As it was said before, the splay test was created specifically to test garbage collection, and thus uses a lot of memory and creates a lot of fragmentation. The fact that it is slow has nothing to do with the lcache, and very little with hashmaps (these can have a slight effect on fragmentation).

The reason this test is slow is that the jerry allocator was not designed to handle this much memory, and maintaining the free block list gets more and more costly as the memory get fragmented.

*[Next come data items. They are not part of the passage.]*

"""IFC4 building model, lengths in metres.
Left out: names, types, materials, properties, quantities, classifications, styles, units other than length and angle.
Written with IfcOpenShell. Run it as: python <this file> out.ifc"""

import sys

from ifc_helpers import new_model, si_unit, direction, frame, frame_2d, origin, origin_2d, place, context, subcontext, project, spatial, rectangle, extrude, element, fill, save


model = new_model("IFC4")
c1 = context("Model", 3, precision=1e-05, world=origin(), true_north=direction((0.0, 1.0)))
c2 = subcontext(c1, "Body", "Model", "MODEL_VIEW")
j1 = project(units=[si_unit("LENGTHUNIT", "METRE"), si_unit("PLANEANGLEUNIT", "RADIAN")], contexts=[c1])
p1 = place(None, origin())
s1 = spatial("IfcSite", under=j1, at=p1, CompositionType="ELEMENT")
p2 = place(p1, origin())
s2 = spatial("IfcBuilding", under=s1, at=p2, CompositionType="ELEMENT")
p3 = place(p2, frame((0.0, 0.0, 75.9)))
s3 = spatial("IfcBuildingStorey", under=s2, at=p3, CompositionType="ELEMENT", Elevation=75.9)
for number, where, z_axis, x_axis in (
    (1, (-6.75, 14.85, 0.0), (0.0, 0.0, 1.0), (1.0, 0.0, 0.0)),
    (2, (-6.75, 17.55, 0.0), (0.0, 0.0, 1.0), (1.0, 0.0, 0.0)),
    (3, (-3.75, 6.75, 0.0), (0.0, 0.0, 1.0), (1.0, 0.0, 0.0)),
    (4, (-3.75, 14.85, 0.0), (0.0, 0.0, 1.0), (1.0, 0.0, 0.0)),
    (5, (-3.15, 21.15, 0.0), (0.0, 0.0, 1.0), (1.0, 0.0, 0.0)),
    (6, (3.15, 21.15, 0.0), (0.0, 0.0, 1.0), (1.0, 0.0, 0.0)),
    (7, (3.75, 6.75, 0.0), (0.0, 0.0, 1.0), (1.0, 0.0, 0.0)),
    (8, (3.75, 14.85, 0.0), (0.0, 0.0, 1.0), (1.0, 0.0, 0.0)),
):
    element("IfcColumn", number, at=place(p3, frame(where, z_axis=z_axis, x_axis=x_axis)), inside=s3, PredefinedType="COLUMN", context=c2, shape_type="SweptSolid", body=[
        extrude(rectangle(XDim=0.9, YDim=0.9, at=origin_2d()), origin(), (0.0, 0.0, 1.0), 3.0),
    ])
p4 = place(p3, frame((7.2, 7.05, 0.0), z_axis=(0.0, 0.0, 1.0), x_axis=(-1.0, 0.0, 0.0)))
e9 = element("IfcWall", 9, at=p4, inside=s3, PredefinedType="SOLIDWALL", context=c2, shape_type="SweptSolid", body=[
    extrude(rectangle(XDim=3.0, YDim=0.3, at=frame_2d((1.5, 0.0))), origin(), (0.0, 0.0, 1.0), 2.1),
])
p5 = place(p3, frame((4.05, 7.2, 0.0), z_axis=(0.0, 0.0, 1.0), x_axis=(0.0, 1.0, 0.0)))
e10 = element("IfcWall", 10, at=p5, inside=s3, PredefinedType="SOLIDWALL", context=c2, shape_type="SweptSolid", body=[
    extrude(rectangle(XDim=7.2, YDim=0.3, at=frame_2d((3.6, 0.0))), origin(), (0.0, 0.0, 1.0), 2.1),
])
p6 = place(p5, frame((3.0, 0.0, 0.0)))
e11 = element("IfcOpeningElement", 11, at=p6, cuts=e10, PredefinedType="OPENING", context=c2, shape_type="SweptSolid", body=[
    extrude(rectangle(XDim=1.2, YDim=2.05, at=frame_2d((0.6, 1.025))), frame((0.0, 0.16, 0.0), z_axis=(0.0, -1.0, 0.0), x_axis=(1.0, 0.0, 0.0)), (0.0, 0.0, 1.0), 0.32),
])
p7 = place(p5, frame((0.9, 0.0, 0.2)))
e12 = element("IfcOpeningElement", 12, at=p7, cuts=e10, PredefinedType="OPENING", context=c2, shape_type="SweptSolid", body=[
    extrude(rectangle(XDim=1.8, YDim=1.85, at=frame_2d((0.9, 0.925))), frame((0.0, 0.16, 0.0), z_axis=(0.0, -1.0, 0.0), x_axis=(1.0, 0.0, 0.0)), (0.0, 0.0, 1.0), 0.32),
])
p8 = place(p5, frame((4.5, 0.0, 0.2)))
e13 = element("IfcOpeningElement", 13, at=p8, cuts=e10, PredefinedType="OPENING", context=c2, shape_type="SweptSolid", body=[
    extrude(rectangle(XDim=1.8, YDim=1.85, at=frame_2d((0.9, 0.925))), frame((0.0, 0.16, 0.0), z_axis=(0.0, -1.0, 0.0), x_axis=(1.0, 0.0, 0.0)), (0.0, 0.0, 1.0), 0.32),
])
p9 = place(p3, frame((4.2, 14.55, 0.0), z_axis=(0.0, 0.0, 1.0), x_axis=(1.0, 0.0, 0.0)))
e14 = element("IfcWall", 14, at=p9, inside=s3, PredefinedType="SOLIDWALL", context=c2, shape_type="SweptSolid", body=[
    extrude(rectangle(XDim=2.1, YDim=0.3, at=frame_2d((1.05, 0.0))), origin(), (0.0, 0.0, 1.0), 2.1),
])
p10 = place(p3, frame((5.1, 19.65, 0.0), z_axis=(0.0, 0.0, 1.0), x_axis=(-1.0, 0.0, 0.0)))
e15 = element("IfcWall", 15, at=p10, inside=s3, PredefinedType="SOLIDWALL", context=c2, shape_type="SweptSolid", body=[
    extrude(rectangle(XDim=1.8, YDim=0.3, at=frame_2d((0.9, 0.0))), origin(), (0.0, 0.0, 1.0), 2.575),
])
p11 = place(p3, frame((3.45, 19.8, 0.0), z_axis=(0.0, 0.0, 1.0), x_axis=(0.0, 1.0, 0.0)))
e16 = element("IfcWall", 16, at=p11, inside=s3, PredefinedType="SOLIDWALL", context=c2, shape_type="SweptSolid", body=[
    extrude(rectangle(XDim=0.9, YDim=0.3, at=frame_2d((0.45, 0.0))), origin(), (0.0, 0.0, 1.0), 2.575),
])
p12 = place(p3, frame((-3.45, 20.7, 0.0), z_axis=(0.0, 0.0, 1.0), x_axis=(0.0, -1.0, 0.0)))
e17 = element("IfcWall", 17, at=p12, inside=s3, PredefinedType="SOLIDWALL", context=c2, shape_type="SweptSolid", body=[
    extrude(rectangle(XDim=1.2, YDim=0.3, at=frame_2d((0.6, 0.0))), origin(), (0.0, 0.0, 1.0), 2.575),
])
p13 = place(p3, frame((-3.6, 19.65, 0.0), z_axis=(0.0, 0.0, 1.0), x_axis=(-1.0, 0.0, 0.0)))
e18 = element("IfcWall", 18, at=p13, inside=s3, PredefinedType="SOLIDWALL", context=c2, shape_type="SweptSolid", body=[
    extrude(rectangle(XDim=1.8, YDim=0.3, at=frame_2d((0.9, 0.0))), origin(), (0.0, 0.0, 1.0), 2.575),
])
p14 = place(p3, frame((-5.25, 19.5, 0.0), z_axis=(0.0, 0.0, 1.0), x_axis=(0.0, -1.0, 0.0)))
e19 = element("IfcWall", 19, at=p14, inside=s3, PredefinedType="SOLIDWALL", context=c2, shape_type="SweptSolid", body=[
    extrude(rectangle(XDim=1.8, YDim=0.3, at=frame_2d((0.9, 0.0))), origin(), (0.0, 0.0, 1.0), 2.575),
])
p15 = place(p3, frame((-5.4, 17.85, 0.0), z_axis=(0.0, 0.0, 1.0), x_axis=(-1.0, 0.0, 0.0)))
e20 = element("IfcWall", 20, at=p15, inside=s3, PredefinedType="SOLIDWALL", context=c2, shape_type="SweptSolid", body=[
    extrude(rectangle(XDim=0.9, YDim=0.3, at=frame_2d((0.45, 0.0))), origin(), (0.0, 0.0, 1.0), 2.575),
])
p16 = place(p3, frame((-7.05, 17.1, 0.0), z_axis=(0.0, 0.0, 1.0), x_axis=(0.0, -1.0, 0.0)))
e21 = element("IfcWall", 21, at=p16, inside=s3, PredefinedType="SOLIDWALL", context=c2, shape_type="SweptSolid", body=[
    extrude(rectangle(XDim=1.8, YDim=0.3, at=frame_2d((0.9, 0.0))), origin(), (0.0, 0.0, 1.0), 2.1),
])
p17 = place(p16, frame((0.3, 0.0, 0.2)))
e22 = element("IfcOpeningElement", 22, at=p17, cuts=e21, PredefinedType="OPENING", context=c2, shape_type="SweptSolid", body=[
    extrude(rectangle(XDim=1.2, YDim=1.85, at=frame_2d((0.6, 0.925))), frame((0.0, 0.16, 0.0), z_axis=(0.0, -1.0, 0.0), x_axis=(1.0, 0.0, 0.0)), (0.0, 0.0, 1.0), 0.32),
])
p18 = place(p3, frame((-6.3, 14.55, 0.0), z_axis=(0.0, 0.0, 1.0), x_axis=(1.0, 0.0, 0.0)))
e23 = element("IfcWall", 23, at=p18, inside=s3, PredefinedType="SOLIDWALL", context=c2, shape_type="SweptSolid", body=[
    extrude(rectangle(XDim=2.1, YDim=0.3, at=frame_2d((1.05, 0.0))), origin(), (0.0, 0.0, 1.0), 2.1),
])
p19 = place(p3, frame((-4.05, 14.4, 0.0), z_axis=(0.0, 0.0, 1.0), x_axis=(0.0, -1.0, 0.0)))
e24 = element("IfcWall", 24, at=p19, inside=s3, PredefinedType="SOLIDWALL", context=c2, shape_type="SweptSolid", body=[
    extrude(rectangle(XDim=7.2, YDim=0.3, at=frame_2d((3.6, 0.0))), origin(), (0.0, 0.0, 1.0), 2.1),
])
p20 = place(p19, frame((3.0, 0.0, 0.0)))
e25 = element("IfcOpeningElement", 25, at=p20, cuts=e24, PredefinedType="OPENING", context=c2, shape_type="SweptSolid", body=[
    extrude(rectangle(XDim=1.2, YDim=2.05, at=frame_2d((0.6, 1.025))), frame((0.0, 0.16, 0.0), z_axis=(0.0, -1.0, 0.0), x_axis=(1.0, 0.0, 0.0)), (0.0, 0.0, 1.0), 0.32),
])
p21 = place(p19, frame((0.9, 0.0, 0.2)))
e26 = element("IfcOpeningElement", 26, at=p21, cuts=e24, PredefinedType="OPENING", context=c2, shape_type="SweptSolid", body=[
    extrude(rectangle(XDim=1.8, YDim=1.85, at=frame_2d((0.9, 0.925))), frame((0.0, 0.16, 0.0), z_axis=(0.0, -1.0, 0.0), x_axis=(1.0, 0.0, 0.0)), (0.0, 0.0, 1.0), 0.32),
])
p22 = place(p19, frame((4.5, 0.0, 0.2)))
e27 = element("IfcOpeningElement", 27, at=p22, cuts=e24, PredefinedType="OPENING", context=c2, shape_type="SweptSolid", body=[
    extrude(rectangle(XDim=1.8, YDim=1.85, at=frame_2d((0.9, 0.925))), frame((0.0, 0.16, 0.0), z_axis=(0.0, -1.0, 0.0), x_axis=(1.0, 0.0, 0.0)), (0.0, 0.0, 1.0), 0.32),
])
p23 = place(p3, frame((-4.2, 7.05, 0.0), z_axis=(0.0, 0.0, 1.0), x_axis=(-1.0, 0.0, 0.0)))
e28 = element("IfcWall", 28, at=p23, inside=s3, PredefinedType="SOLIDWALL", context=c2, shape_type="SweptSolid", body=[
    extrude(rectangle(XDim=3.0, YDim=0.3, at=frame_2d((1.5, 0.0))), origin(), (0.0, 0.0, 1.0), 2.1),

I have a few ideas on how to improve the logic behind the allocator to make it less affected by fragmentation, but can't really give anything specific for now.

However the fact remains the same, the core idea behind the allocator will still be handling smaller amounts of memory with as little overhead as possible, and not high performance. When larger amounts of memory is required or performance is more critical then the system allocator should be used instead.

Hi, verified, you are right, but the current situation is on 64bit processor, we can not using system allocator, that's why I have forced to using jerry memory allocator and leading to significant fragmentation

excitedbox commented 3 years ago

Sorry to bring up an old topic but lvgl switched memory allocators recently which gave a pretty big speed boost. Could have a look at what they used. I forgot the name of the library right now.